Des chefs militaires de la Communauté économique des Etats d'Afrique de l'Ouest (Cédéao) ont affirmé jeudi ne plus attendre qu'une résolution du Conseil de sécurité de l'ONU pour déployer 3.000 hommes au Mali, dont le Nord est occupé par des groupes islamistes armés.

"La Micema (Mission de la Cédéao au Mali) est prête à exécuter sa mission, à se déployer au Mali", a assuré le chef de l'armée ivoirienne, le général Soumaïla Bakayoko, au terme d'une réunion de deux jours de responsables militaires de la Cédéao à Abidjan pour définir le format et la mission de cette force.

"Nous attendons tout juste la résolution du Conseil de sécurité des Nations unies", a-t-il expliqué.

"Ce sont 3.000 hommes de la Cédéao qui iront au Mali", a-t-il confirmé, ajoutant que "13 pays sur 15" de l'organisation y "seront présents", sans plus de précision.

"Le Mali est d'accord pour le déploiement de la Micema", a encore indiqué le général Bakayoko.

Il n'a pas voulu préciser quel effectif serait affecté à la protection des institutions de transition à Bamako et combien de militaires seraient chargés d'aider l'armée malienne à reconquérir le nord du pays.

La prochaine réunion militaire de la Cédéao sur le Mali aura lieu le 9 août dans ce pays, a-t-il annoncé.

Les participants à la rencontre d'Abidjan ont examiné les conclusions d'une "mission d'évaluation technique" associant Cédéao, Union africaine (UA) et ONU, qui s'est rendue du 9 au 18 juillet à Bamako.

Le Conseil de sécurité s'est abstenu jusque-là de donner un mandat à une éventuelle force ouest-africaine au Mali, attendant plus de précisions sur ses contours et sa mission.

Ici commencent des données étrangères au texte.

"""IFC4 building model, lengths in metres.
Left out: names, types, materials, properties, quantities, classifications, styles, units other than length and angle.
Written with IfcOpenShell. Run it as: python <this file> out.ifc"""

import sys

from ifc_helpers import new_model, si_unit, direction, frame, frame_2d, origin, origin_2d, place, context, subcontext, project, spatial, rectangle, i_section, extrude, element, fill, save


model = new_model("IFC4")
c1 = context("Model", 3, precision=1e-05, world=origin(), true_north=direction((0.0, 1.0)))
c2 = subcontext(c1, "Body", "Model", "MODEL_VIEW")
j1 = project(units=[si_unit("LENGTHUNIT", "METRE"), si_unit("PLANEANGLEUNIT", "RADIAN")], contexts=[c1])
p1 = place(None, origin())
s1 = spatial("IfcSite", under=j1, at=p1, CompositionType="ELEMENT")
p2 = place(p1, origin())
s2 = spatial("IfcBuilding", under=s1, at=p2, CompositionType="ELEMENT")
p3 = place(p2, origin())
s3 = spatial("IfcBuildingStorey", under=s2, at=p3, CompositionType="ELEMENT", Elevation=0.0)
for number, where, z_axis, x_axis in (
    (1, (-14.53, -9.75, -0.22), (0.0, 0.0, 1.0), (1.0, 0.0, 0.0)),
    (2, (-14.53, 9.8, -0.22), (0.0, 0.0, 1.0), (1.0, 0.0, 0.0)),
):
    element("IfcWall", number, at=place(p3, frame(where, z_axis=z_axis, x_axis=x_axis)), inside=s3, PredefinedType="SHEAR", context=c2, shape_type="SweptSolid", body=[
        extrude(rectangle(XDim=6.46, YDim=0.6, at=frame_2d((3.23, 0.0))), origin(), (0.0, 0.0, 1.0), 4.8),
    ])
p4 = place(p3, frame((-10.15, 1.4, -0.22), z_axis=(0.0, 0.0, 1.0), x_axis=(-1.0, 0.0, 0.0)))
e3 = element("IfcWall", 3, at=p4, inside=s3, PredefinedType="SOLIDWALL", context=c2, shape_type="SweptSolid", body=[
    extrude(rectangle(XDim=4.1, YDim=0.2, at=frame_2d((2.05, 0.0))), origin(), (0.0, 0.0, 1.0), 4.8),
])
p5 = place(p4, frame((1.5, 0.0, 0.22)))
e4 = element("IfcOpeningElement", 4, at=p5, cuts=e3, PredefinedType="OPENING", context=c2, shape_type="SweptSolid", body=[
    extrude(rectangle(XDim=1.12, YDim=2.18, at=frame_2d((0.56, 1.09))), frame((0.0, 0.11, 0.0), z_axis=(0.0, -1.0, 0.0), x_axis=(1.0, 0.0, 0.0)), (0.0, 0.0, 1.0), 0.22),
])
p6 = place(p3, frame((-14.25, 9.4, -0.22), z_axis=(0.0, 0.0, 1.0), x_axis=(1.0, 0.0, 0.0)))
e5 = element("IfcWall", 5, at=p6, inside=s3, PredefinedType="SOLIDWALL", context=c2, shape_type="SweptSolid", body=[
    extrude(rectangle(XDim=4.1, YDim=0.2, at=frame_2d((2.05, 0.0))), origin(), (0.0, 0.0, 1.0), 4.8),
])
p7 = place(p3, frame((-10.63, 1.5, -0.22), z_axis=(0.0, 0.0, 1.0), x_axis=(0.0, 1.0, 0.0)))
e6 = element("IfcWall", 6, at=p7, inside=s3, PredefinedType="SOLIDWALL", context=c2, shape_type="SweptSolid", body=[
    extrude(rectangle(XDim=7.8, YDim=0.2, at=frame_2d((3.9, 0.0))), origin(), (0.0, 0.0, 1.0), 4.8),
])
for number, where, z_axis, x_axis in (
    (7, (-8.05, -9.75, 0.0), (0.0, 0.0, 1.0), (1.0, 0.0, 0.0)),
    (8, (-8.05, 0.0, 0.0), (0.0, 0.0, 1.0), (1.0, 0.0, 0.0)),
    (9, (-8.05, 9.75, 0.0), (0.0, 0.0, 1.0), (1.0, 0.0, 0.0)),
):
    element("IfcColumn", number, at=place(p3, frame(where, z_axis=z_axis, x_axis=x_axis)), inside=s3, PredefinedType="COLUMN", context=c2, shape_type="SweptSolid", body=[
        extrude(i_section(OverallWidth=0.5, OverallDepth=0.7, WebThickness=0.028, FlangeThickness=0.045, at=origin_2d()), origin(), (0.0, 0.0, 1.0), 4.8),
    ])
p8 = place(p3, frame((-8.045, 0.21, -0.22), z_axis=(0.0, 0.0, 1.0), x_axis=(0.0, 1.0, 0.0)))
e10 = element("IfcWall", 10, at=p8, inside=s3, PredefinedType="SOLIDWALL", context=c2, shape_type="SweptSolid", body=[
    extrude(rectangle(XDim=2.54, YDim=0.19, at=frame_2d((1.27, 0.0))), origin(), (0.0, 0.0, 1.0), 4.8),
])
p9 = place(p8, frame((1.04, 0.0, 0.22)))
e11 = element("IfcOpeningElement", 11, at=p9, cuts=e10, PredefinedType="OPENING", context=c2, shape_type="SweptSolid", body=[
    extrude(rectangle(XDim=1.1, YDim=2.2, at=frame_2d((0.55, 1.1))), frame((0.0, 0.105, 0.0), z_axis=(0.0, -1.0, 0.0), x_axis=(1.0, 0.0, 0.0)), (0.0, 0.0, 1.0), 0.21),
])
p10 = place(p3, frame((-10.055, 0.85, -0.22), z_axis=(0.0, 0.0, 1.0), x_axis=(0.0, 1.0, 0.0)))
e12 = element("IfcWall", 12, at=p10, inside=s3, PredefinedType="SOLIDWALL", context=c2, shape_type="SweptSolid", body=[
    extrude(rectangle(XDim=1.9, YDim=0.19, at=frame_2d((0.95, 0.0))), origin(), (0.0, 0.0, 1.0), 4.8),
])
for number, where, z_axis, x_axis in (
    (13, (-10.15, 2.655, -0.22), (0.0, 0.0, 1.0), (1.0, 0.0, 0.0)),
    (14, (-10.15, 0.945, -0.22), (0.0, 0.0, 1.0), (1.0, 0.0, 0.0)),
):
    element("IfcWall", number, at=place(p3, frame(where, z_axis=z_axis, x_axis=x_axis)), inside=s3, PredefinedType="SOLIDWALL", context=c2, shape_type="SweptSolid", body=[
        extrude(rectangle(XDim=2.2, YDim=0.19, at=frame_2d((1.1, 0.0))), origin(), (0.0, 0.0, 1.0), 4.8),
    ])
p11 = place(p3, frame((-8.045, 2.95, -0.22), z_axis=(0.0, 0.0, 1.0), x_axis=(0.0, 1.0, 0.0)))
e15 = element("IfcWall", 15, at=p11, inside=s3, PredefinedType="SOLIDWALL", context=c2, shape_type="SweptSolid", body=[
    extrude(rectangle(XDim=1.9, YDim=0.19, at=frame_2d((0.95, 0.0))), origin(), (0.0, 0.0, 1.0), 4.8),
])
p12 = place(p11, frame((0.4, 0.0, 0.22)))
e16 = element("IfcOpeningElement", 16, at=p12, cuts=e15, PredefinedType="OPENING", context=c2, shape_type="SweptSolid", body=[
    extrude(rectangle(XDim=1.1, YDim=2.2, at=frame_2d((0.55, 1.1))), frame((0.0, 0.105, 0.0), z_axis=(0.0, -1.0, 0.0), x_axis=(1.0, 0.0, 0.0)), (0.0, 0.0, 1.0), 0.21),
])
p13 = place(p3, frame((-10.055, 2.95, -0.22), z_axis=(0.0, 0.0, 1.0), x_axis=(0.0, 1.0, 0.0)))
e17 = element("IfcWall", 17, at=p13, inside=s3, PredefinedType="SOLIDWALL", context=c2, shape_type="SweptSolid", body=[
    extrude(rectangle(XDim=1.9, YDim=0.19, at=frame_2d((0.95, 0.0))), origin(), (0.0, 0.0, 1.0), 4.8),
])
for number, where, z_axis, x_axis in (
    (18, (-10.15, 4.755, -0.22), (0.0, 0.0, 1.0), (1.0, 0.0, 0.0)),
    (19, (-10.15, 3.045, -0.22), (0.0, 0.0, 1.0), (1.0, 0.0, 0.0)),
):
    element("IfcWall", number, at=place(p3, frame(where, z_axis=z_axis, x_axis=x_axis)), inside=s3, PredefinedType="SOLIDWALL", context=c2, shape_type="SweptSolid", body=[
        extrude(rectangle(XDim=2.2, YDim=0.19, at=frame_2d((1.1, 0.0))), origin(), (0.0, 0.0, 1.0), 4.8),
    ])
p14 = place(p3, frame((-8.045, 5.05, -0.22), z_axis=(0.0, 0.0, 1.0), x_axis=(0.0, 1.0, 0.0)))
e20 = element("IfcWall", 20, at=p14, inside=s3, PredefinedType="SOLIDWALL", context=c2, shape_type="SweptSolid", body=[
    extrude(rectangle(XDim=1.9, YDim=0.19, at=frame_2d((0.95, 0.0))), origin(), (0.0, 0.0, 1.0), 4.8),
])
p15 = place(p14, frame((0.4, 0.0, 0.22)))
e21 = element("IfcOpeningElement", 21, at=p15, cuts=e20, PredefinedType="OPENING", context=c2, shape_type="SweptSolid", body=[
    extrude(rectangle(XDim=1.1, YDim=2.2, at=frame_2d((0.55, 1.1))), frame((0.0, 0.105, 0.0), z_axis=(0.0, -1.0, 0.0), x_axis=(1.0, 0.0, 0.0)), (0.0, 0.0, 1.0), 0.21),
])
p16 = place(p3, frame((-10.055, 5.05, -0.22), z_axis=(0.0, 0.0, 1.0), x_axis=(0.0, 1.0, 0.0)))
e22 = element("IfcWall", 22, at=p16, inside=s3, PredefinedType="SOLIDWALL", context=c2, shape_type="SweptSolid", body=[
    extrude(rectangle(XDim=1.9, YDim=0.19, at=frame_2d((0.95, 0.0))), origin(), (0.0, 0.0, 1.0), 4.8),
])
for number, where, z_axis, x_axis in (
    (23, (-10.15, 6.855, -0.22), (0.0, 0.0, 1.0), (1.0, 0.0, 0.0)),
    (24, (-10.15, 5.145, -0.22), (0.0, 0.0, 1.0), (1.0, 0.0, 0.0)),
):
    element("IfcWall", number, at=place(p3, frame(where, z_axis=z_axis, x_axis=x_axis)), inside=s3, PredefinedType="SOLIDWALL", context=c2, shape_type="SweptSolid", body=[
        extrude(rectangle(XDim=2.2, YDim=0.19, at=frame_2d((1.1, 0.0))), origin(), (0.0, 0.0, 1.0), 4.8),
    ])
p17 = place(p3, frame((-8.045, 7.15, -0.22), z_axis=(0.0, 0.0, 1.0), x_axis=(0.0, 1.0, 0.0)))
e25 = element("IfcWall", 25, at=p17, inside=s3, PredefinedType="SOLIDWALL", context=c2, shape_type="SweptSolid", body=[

Le chef de l'Etat ivoirien Alassane Ouattara, président en exercice de la Cédéao, a dit jeudi à Paris espérer une résolution "dans les tous prochains jours" pour "une éventuelle intervention militaire".

La Cédéao attend aussi une demande formelle de Bamako et une aide extérieure, notamment logistique.

Tombé fin mars aux mains de groupes armés, le nord du Mali est désormais contrôlé par des mouvements islamistes armés alliés à Al-Qaïda au Maghreb islamique (Aqmi).